# Recipe (little Creatures Pale) Questions



## Eyelusion (17/5/09)

Hi all, this is my little creatures pale ale recipe.

It includes the following:
Morgans Stockmans Draught 1.7kg
Morgans unhopped extra pale malt extract 1.5kg
Hops Cascade pellets 15g quick boil
Hops Cascade pellets 15g standard

Now the yeast... do i use the one from the draught can?
or i do have Safale s-04 Ale
or Safale US-05
Will the yeast make a difference?
What should I use?
and do you think this will be a good brew???

thx all


----------



## Carboy (17/5/09)

Eyelusion said:


> Hi all, this is my little creatures pale ale recipe.
> 
> It includes the following:
> Morgans Stockmans Draught 1.7kg
> ...



Hi Eyelusion,

I believe either yeast will do the job, but I'd swing more to the U-05 (only because I've used it before in a LCPA.

I've seen many recipes for LCPA (clone), you just have to keep trying until you find a blend that you like.

Below is the recipe I did back in January this year, it was okay after 4 week, but bloody great after 10 weeks. I have 3 bottles left to drink at the 26 weeks just to see if it can get any better.

Black Rock 1.7kg Blonde, 1kg Brewcraft Blend #15, Dry Malt (Wheat) 250g. Hops Cascade 25g (steeped for 15 minutes), Willamette 15g (steeped for 10 minutes), Yeast SafAle US-05 = 21litres

Have fun  

Cheers
Carboy


----------



## Eyelusion (17/5/09)

Carboy said:


> Hi Eyelusion,
> 
> I believe either yeast will do the job, but I'd swing more to the U-05 (only because I've used it before in a LCPA.
> 
> ...



Cheers for your advise and recipe


----------



## big78sam (17/5/09)

I'd also dry hop some chinook. We were at the brewery last weekend and I talked to the tasting guy. The real stuff uses cascade and dry hopped chinook. 

I've got my first batch of LCPA in the fermenter at the moment and have read in other threads it's definitely worth adding.


----------



## elmo (17/5/09)

gday sam 

I have also made a 'version' of LCPA its been in the fermentor for 2 weeks just got 2 bottle it. 

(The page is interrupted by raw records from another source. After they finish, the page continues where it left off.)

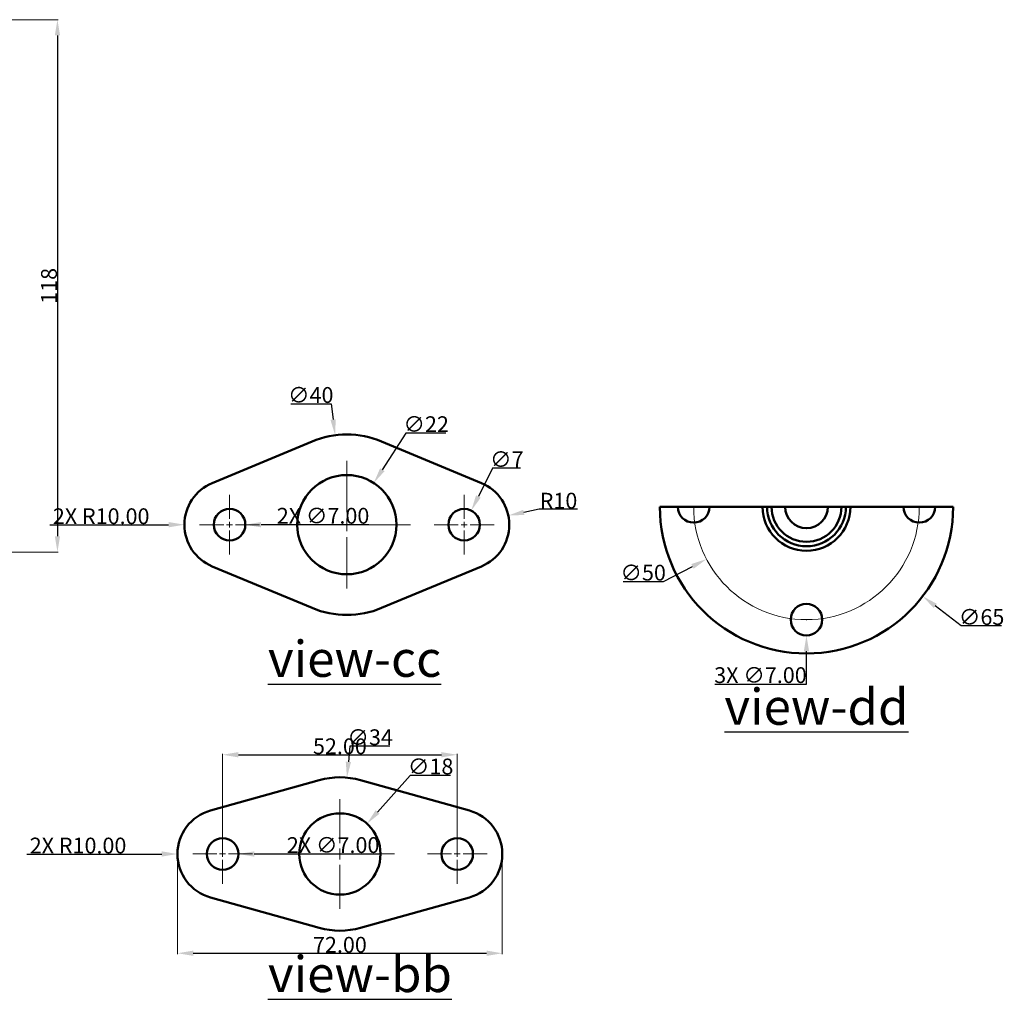
# Model space of a CAD drawing. Units: millimetres. Extents: x 75 to 489, y 21 to 350.
# Tile 5 of 5: x 271 to 489, y 110 to 327. Entities that reach past the tile are written whole.
import ezdxf

# ---------------------------------------------------------------- set-up
doc = ezdxf.new("R2010")
doc.units = ezdxf.units.MM
doc.header["$MEASUREMENT"] = 0
doc.linetypes.add('CENTER', pattern=[50.8, 31.75, -6.35, 6.35, -6.35])
for name, color, linetype, lineweight in [('M-CNTR', 1, 'CENTER', 18), ('M-CONS', 9, 'Continuous', 13), ('M-DIMS', 2, 'Continuous', 25), ('M-OUTL', 7, 'Continuous', 50), ('M-TEXT', 7, 'Continuous', 25)]:
    doc.layers.add(name, color=color, linetype=linetype, lineweight=lineweight)
doc.styles.get("Standard").update_dxf_attribs({"font": 'arial.ttf'})
doc.dimstyles.get("Standard").update_dxf_attribs({"dimtxt": 3.5, "dimasz": 3.5, "dimexe": 0.18, "dimexo": 0.0625, "dimgap": 0.09, "dimtad": 1, "dimtoh": 1, "dimdec": 0, "dimzin": 0, "dimdsep": 46, "dimtxsty": 'Standard', "dimcen": 0.09, "dimclrd": 2, "dimclre": 251, "dimadec": 0, "dimazin": 0, "dimtfac": 1, "dimtdec": 0, "dimtofl": 0, "dimtmove": 0, "dimatfit": 3, "dimfxl": 1, "dimtolj": 1, "dimtzin": 0, "dimlwe": 5, "dimarcsym": 0})

# ---------------------------------------------------------------- blocks, each defined once
blk = doc.blocks.new('*U1')
at = {"layer": 'M-CNTR', "color": 0, "transparency": 16777216}
for p, q in [((0, 1.3), (0, 6.62)), ((-6.62, 0), (-1.3, 0)), ((1.3, 0), (6.62, 0)), ((0, -6.62), (0, -1.3))]:
    blk.add_line(p, q, dxfattribs=at)
at = {"layer": 'M-CNTR', "color": 0, "linetype": 'Continuous', "transparency": 16777216}
for p, q in [((-0.65, 0), (0.65, 0)), ((0, -0.65), (0, 0.65))]:
    blk.add_line(p, q, dxfattribs=at)
blk = doc.blocks.new('*U2')
at = {"layer": 'M-CNTR', "color": 0, "transparency": 16777216}
for p, q in [((0, 1.3), (0, 6.62)), ((-6.62, 0), (-1.3, 0)), ((1.3, 0), (6.62, 0)), ((0, -6.62), (0, -1.3))]:
    blk.add_line(p, q, dxfattribs=at)
at = {"layer": 'M-CNTR', "color": 0, "linetype": 'Continuous', "transparency": 16777216}
for p, q in [((-0.65, 0), (0.65, 0)), ((0, -0.65), (0, 0.65))]:
    blk.add_line(p, q, dxfattribs=at)
blk = doc.blocks.new('*U3')
at = {"layer": 'M-CNTR', "color": 0, "transparency": 16777216}
for p, q in [((0, 2.8), (0, 14.12)), ((-14.12, 0), (-2.8, 0)), ((2.8, 0), (14.12, 0)), ((0, -14.12), (0, -2.8))]:
    blk.add_line(p, q, dxfattribs=at)
at = {"layer": 'M-CNTR', "color": 0, "linetype": 'Continuous', "transparency": 16777216}
for p, q in [((-1.4, 0), (1.4, 0)), ((0, -1.4), (0, 1.4))]:
    blk.add_line(p, q, dxfattribs=at)
blk = doc.blocks.new('*D4')
at = {"layer": 'Defpoints', "color": 0, "transparency": 16777216}
for p in [(349.6, 224.66), (337.68, 206.17)]:
    blk.add_point(p, dxfattribs=at)
at = {"layer": 'M-DIMS', "color": 0, "lineweight": -2, "transparency": 16777216}
for p, q in [((356.74, 235.71), (351.5, 227.6)), ((365.61, 235.71), (356.74, 235.71))]:
    blk.add_line(p, q, dxfattribs=at)
at = {"layer": 'M-DIMS', "color": 0, "lineweight": 5, "transparency": 16777216}
for p, q in [((343.55, 215.41), (343.73, 215.41)), ((343.64, 215.32), (343.64, 215.5))]:
    blk.add_line(p, q, dxfattribs=at)
at = {"layer": 'M-DIMS', "color": 0, "transparency": 16777216}
blk.add_solid([(351.01, 227.91), (351.99, 227.28), (349.6, 224.66)], dxfattribs=at)
at = {"layer": 'M-DIMS', "color": 0, "transparency": 16777216, "insert": (361.22, 237.69), "char_height": 3.5, "attachment_point": 5}
blk.add_mtext('\\A1;∅22', dxfattribs=at)
blk = doc.blocks.new('*D5')
at = {"layer": 'Defpoints', "color": 0, "transparency": 16777216}
for p in [(341.05, 235.24), (346.23, 195.58)]:
    blk.add_point(p, dxfattribs=at)
at = {"layer": 'M-DIMS', "color": 0, "lineweight": -2, "transparency": 16777216}
for p, q in [((331.24, 242.18), (340.14, 242.18)), ((340.14, 242.18), (340.59, 238.71))]:
    blk.add_line(p, q, dxfattribs=at)
at = {"layer": 'M-DIMS', "color": 0, "lineweight": 5, "transparency": 16777216}
for p, q in [((343.55, 215.41), (343.73, 215.41)), ((343.64, 215.32), (343.64, 215.5))]:
    blk.add_line(p, q, dxfattribs=at)
at = {"layer": 'M-DIMS', "color": 0, "transparency": 16777216}
blk.add_solid([(341.17, 238.79), (340.01, 238.64), (341.05, 235.24)], dxfattribs=at)
at = {"layer": 'M-DIMS', "color": 0, "transparency": 16777216, "insert": (335.64, 244.16), "char_height": 3.5, "attachment_point": 5}
blk.add_mtext('\\A1;∅40', dxfattribs=at)
blk = doc.blocks.new('*D6')
at = {"layer": 'Defpoints', "color": 0, "transparency": 16777216}
for p in [(371.22, 218.54), (368.06, 212.29)]:
    blk.add_point(p, dxfattribs=at)
at = {"layer": 'M-DIMS', "color": 0, "lineweight": -2, "transparency": 16777216}
for p, q in [((375.95, 227.93), (372.79, 221.66)), ((382.14, 227.93), (375.95, 227.93))]:
    blk.add_line(p, q, dxfattribs=at)
at = {"layer": 'M-DIMS', "color": 0, "lineweight": 5, "transparency": 16777216}
for p, q in [((369.55, 215.41), (369.73, 215.41)), ((369.64, 215.32), (369.64, 215.5))]:
    blk.add_line(p, q, dxfattribs=at)
at = {"layer": 'M-DIMS', "color": 0, "transparency": 16777216}
blk.add_solid([(372.27, 221.93), (373.31, 221.4), (371.22, 218.54)], dxfattribs=at)
at = {"layer": 'M-DIMS', "color": 0, "transparency": 16777216, "insert": (379.09, 229.9), "char_height": 3.5, "attachment_point": 5}
blk.add_mtext('\\A1;∅7', dxfattribs=at)
blk = doc.blocks.new('*D7')
at = {"layer": 'Defpoints', "color": 0, "transparency": 16777216}
for p in [(379.43, 217.44), (369.64, 215.41)]:
    blk.add_point(p, dxfattribs=at)
at = {"layer": 'M-DIMS', "color": 0, "lineweight": -2, "transparency": 16777216}
for p, q in [((386.29, 218.85), (382.86, 218.14)), ((394.73, 218.85), (386.29, 218.85))]:
    blk.add_line(p, q, dxfattribs=at)
at = {"layer": 'M-DIMS', "color": 0, "lineweight": 5, "transparency": 16777216}
for p, q in [((369.55, 215.41), (369.73, 215.41)), ((369.64, 215.32), (369.64, 215.5))]:
    blk.add_line(p, q, dxfattribs=at)
at = {"layer": 'M-DIMS', "color": 0, "transparency": 16777216}
blk.add_solid([(382.74, 218.71), (382.98, 217.57), (379.43, 217.44)], dxfattribs=at)
at = {"layer": 'M-DIMS', "color": 0, "transparency": 16777216, "insert": (390.55, 220.73), "char_height": 3.5, "attachment_point": 5}
blk.add_mtext('\\A1;R10', dxfattribs=at)
blk = doc.blocks.new('*U8')
at = {"layer": 'M-CNTR', "color": 0, "transparency": 16777216}
for p, q in [((0, 1.3), (0, 6.62)), ((-6.62, 0), (-1.3, 0)), ((1.3, 0), (6.62, 0)), ((0, -6.62), (0, -1.3))]:
    blk.add_line(p, q, dxfattribs=at)
at = {"layer": 'M-CNTR', "color": 0, "linetype": 'Continuous', "transparency": 16777216}
for p, q in [((-0.65, 0), (0.65, 0)), ((0, -0.65), (0, 0.65))]:
    blk.add_line(p, q, dxfattribs=at)
blk = doc.blocks.new('*U9')
at = {"layer": 'M-CNTR', "color": 0, "transparency": 16777216}
for p, q in [((0, 2.4), (0, 12.12)), ((-12.12, 0), (-2.4, 0)), ((2.4, 0), (12.12, 0)), ((0, -12.12), (0, -2.4))]:
    blk.add_line(p, q, dxfattribs=at)
at = {"layer": 'M-CNTR', "color": 0, "linetype": 'Continuous', "transparency": 16777216}
for p, q in [((-1.2, 0), (1.2, 0)), ((0, -1.2), (0, 1.2))]:
    blk.add_line(p, q, dxfattribs=at)
blk = doc.blocks.new('*U10')
at = {"layer": 'M-CNTR', "color": 0, "transparency": 16777216}
for p, q in [((0, 1.3), (0, 6.62)), ((-6.62, 0), (-1.3, 0)), ((1.3, 0), (6.62, 0)), ((0, -6.62), (0, -1.3))]:
    blk.add_line(p, q, dxfattribs=at)
at = {"layer": 'M-CNTR', "color": 0, "linetype": 'Continuous', "transparency": 16777216}
for p, q in [((-0.65, 0), (0.65, 0)), ((0, -0.65), (0, 0.65))]:
    blk.add_line(p, q, dxfattribs=at)
blk = doc.blocks.new('*D11')
at = {"layer": 'Defpoints', "color": 0, "transparency": 16777216}
for p in [(343.66, 159.35), (340.53, 125.5)]:
    blk.add_point(p, dxfattribs=at)
at = {"layer": 'M-DIMS', "color": 0, "lineweight": -2, "transparency": 16777216}
for p, q in [((344.31, 166.32), (343.98, 162.84)), ((353.2, 166.32), (344.31, 166.32))]:
    blk.add_line(p, q, dxfattribs=at)
at = {"layer": 'M-DIMS', "color": 0, "lineweight": 5, "transparency": 16777216}
for p, q in [((342.01, 142.42), (342.19, 142.42)), ((342.1, 142.33), (342.1, 142.51))]:
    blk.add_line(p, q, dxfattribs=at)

Boiled 250g of crushed crystal grain for 30 mins
30g cascade hops at 15 mins
20g of Chinook Hops at flame out
Let it rest for 15 mins
1 can coopers pale ale
1 1/2 kg wheat malt
US05 yeast rehydrated

Smells great, the wort tastes nice, have some high hopes for this beer. 

Any thoughts on this recipe I would be interested to hear. Cheers.


----------



## rough60 (17/5/09)

No need to boil the crystal, you only need to steep it.


----------



## Eyelusion (14/6/09)

OK just thought I'd let you all know that I've just cracked open this beer!

Morgans Stockmans Draught 1.7kg
Morgans unhopped extra pale malt extract 1.5kg
Hops Cascade pellets 15g quick boil
Hops Cascade pellets 15g standard
Safale s-04 Ale

AND IT'S FANTASTIC!!!
I'm so pleased.... had to just crack open another


----------



## bum (14/6/09)

That is awesome news, Eyelusion! You'd better keep having more - just to make sure the first two weren't flukes. 



rough60 said:


> No need to boil the crystal, you only need to steep it.



But you do need to boil the resulting liquor once the grain is removed.


----------



## Mcstretch (16/6/09)

Eyelusion said:


> OK just thought I'd let you all know that I've just cracked open this beer!
> 
> Morgans Stockmans Draught 1.7kg
> Morgans unhopped extra pale malt extract 1.5kg
> ...




Hi there

Just wondering what your quick boil and standard boil times are?
quick boil = 5 minutes
standard boil = 15 minutes
Cheers


----------



## Eyelusion (16/6/09)

Quick boil = 15 min with 4 litres of boiling water and 400g of malt.
Standard = allow to steep in (a coffee cup filled with boiled water) for 10 min to release flavour then tip into fermenter. (put in boiling hot water and let rest in it for 10 min, then tip the whole thing; including the bag of hops into the fermenter)
This is what I did. Hope it helps 
Have fun


----------



## Wisey (20/7/09)

This thread is tagged, I had some LCPA on the weekend - and now I want to replicate it!


----------



## Wisey (20/7/09)

Eyelusion said:


> OK just thought I'd let you all know that I've just cracked open this beer!
> 
> Morgans Stockmans Draught 1.7kg
> Morgans unhopped extra pale malt extract 1.5kg
> ...



I did a Morgans aussie lager with cascade dry hopped - and yes I fell off my seat thinking that I actually brewed that out of my fermentor 

This brew with chinook dry hopped may get us closer to a LCPA style tho  LCPA had plenty of malty goodness with a lovely hop flavour - awesome on the senses


----------